12.0 | Threat

2.8K 603 52
                                    

Hyunsuk tak pernah berpikir suatu saat akan mengkhawatirkan Sandara dan anaknya seperti sekarang.

Sungguh, Hyunsuk telah melihat Junghwan sejak ia lahir dan mengetahui bagaimana Sandara sangat menjaga putranya yang satu itu. Hyunsuk tahu kondisi Junghwan tak pernah mudah sejak bayi, kondisinya sering memburuk secara tiba-tiba.

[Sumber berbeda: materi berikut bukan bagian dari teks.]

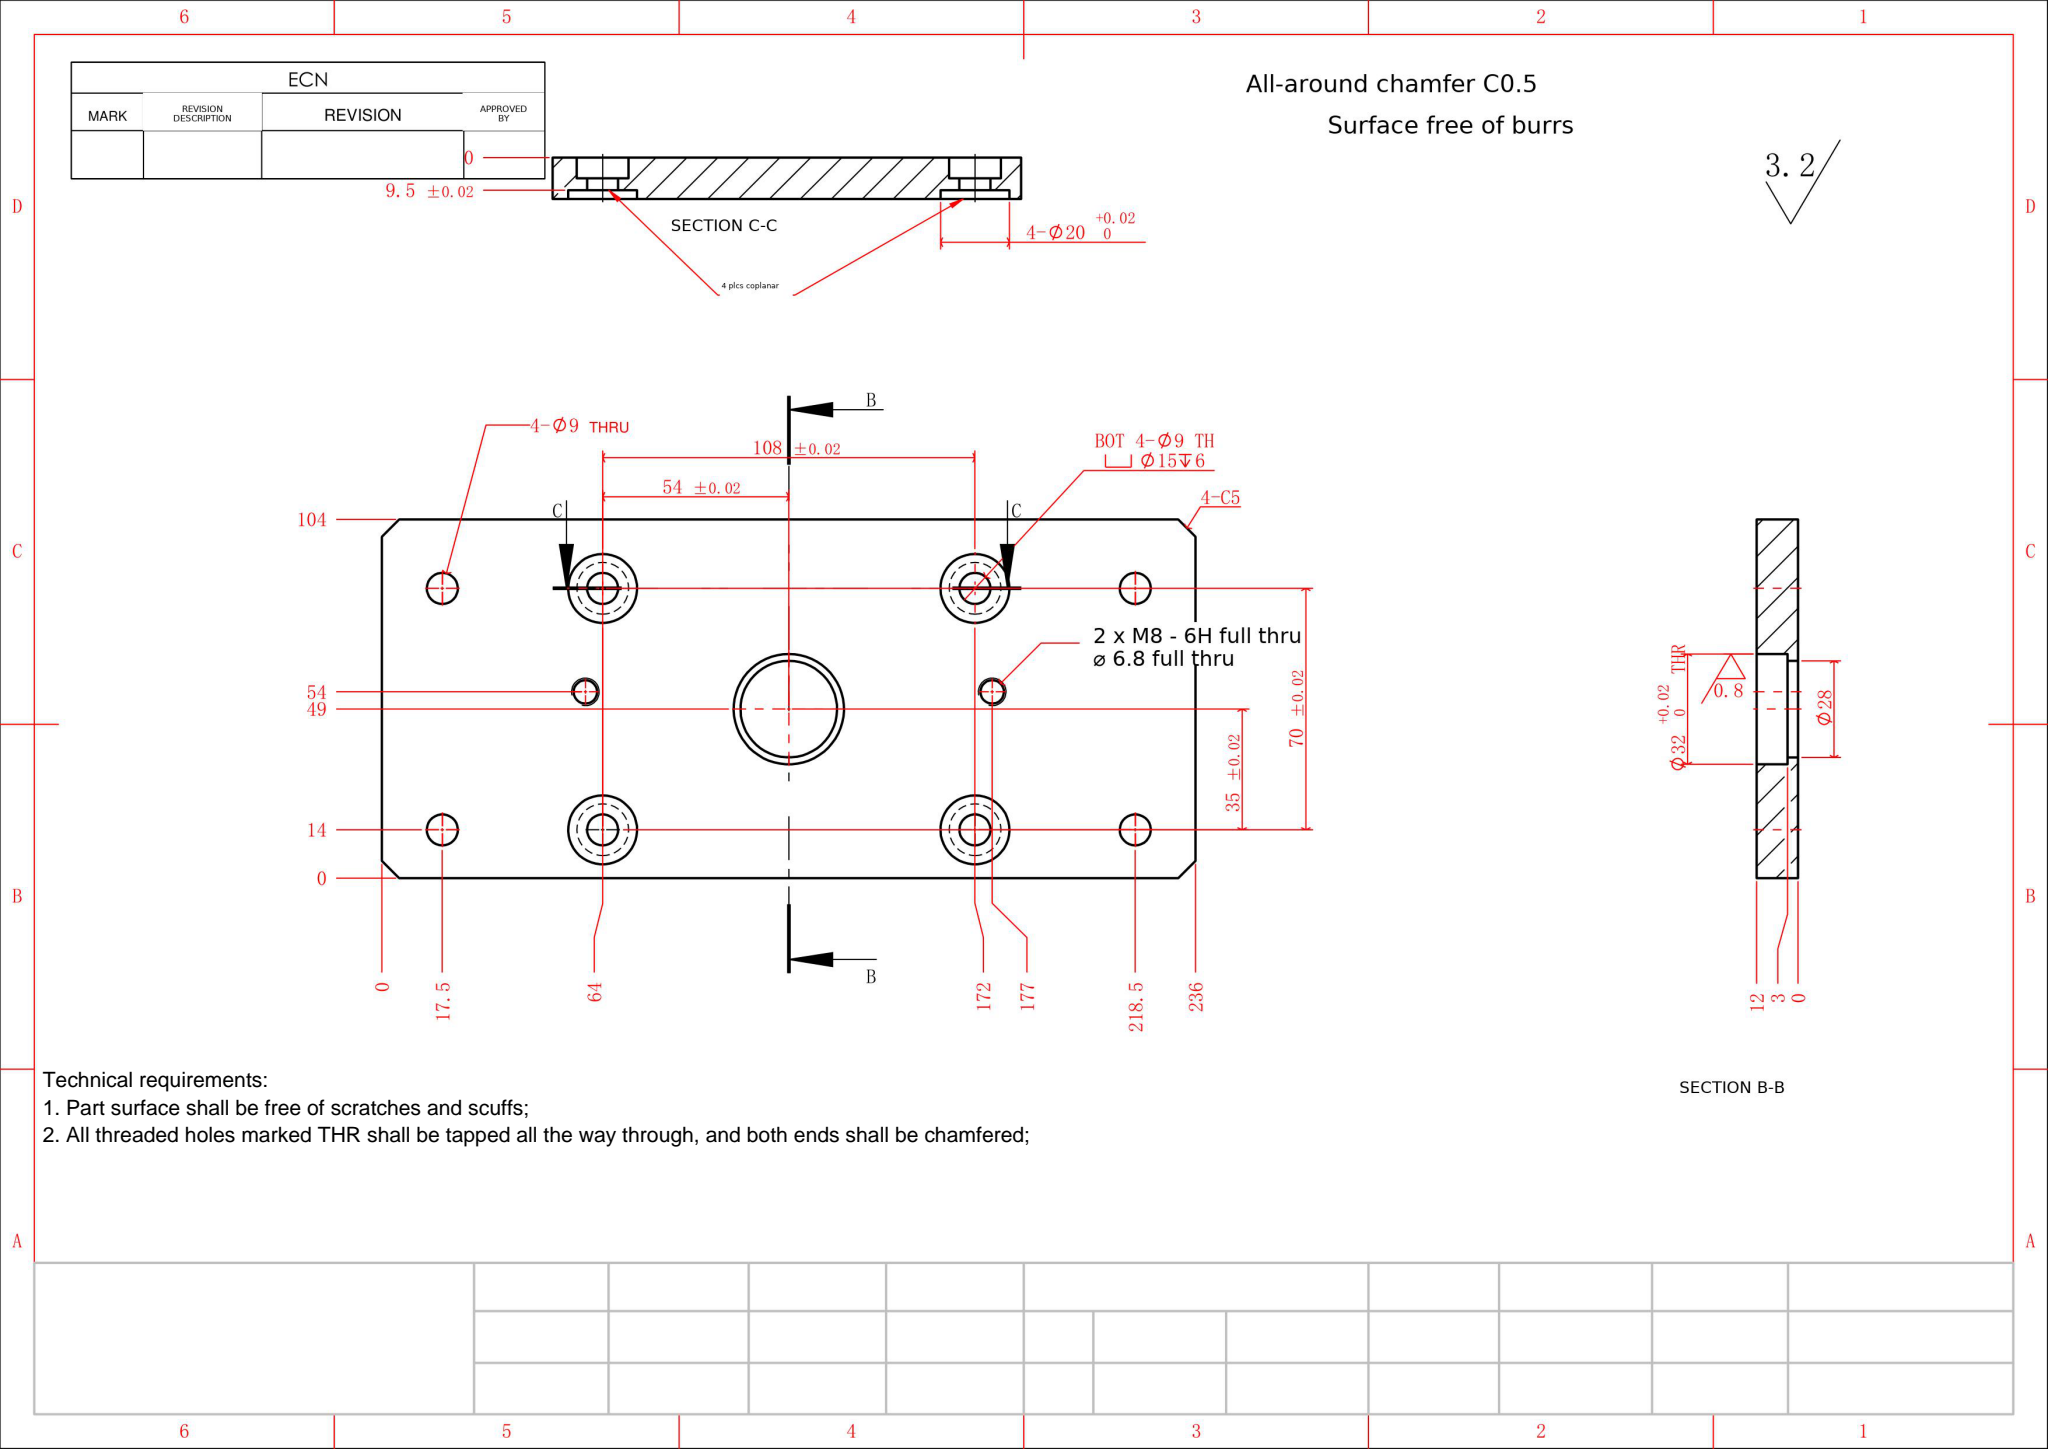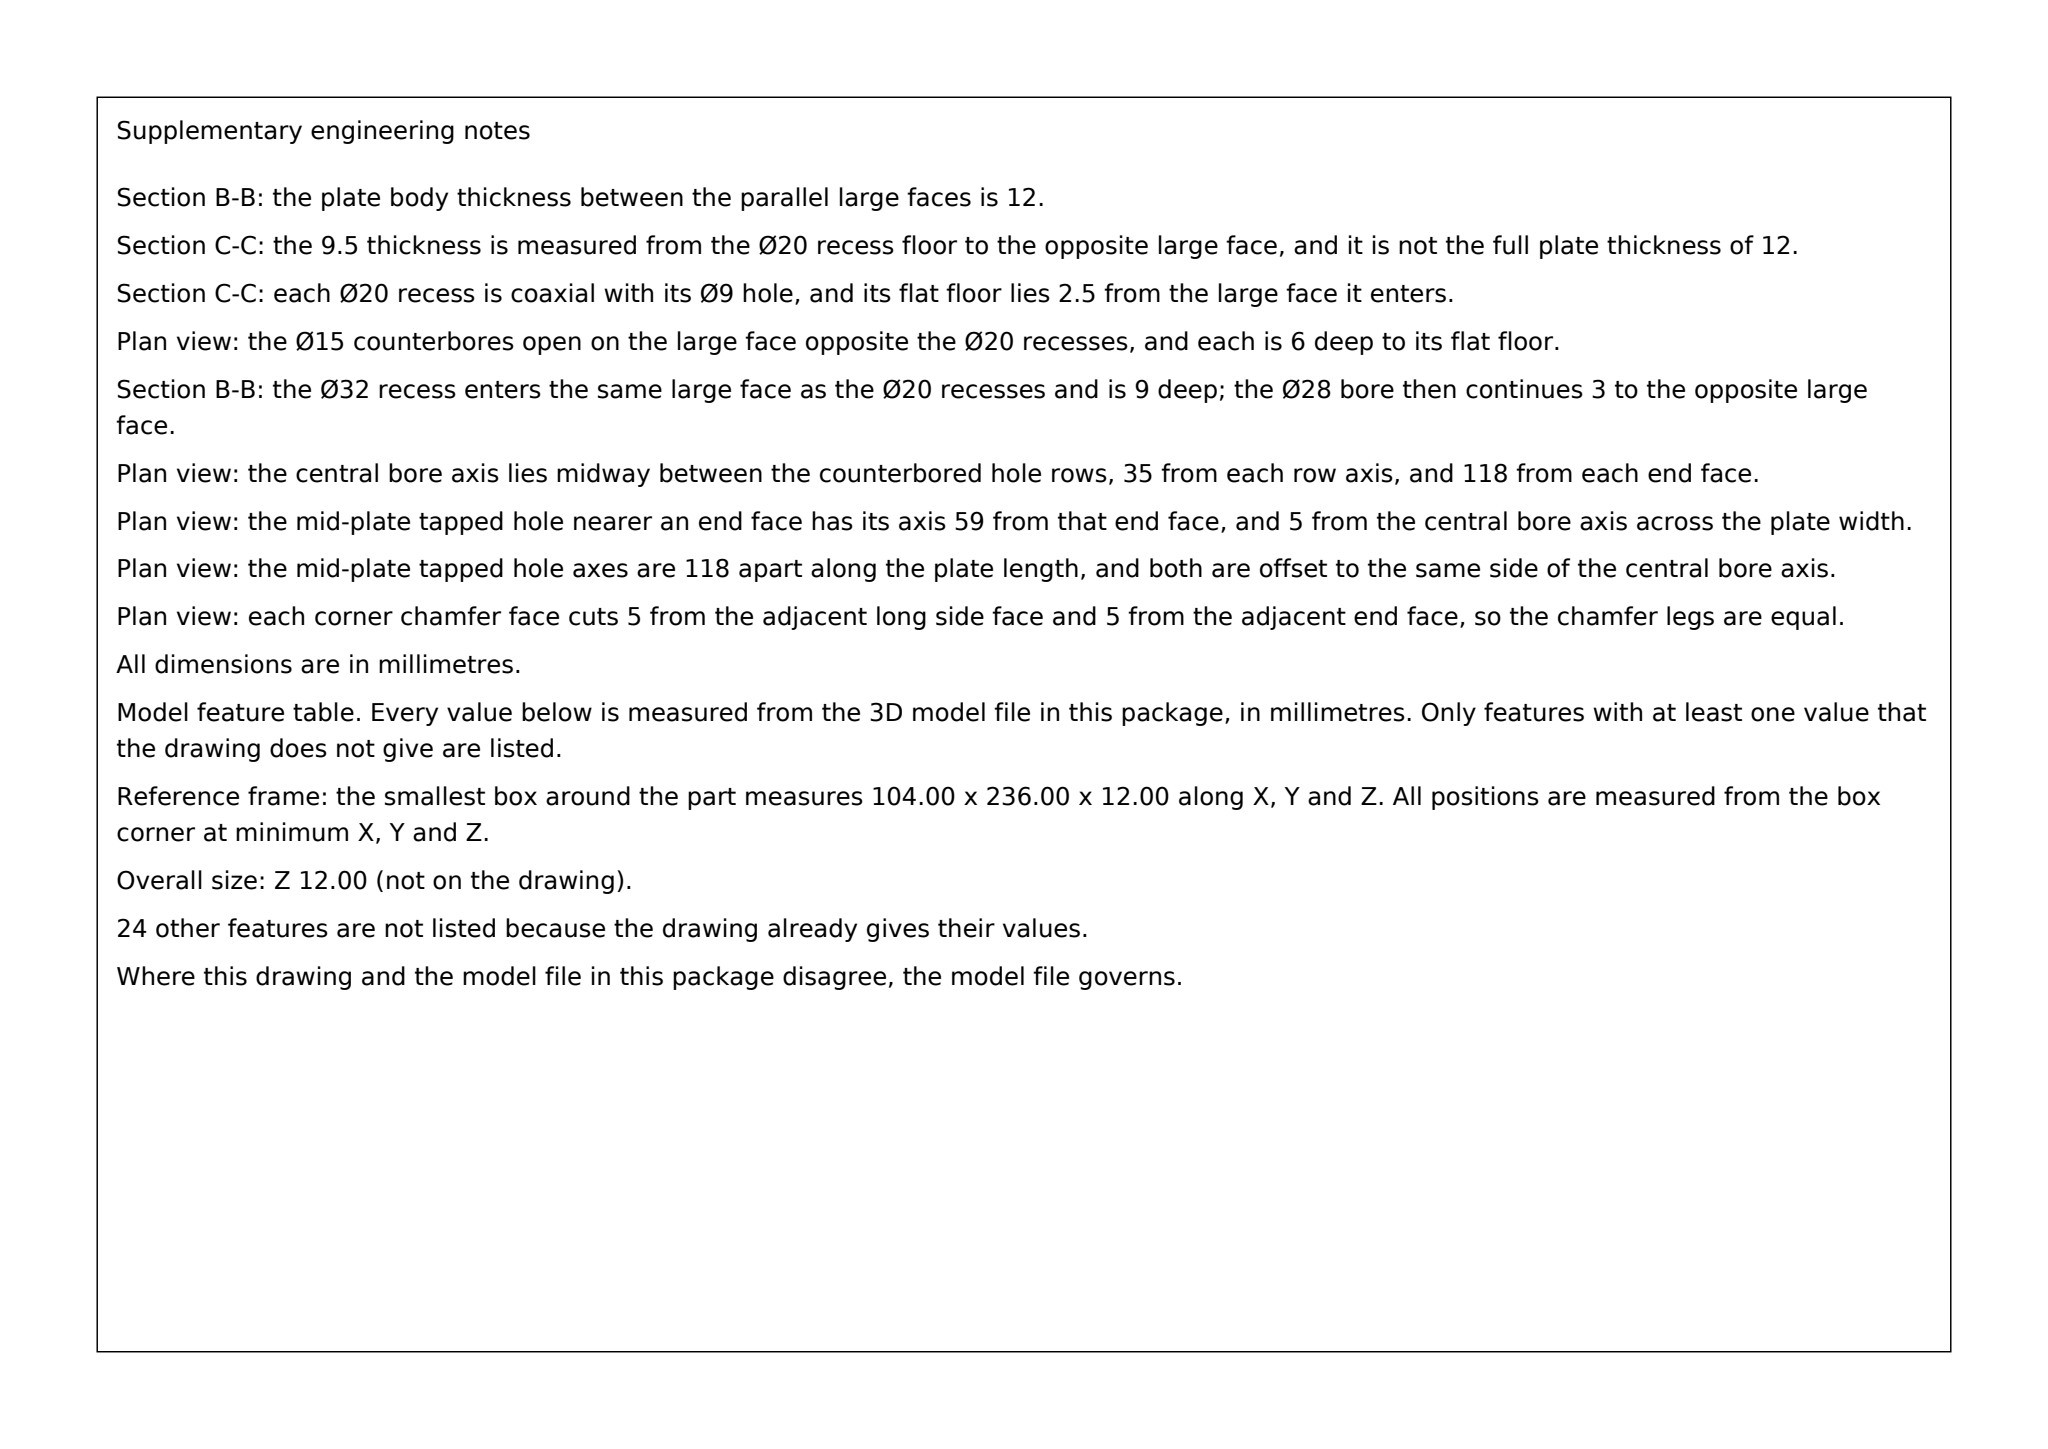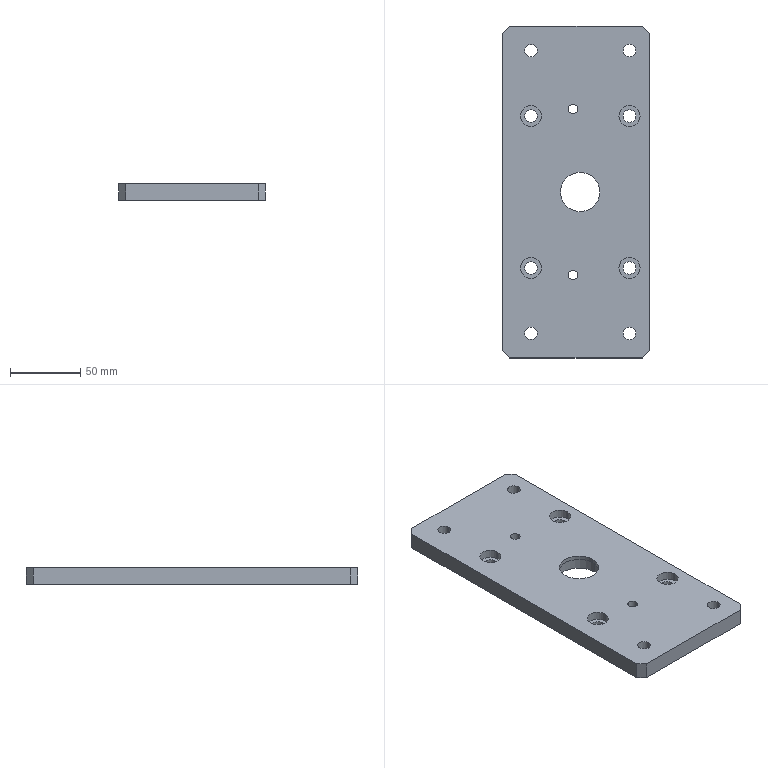Part | SolidWorks | mm | 1 solid | 59 faces | box 104 x 236 x 12 mm | volume 272644 mm3 | cylinder 40 | plane 19 | commonest cylinder face diameters 9 x16 15 x8 20 x8 6.8 x4 28 x2 32 x2
Drawing notes:
4-Ø20 CBORE DP 2.5 FROM BOT FACE; 9.5 TO CBORE FLOOR | from the solid: cyl Ø20 z-length 2.5 at z=0..2.5; plate thk 12; 12-2.5=9.5

Bagaimana keadaannya sekarang? Apa operasinya berhasil? Apa Hyunsuk benar-benar telah tak sengaja membunuhnya? Ah, ia bersumpah menyesali perbuatannya itu seumur hidup, seburuk apapun yang telah Sandara perbuat terhadap ibunya, dan sejahat apapun dirinya terhadap Sandara selama ini, Hyunsuk tetap tak ingin jadi pembunuh.

Ia sengaja segera pergi dari rumah sakit saat itu dan juga tak pulang ke rumahnya karena merasa bersalah. Mendengar Sandara meminta cerai dengan ayahnya, entah kenapa membuat Hyunsuk takut. Tapi bukankah ia selama ini menginginkan itu? Hyunsuk membenci Sandara, seharusnya ia senang. Entahlah, mungkin musim dingin telah kembali mempengaruhinya.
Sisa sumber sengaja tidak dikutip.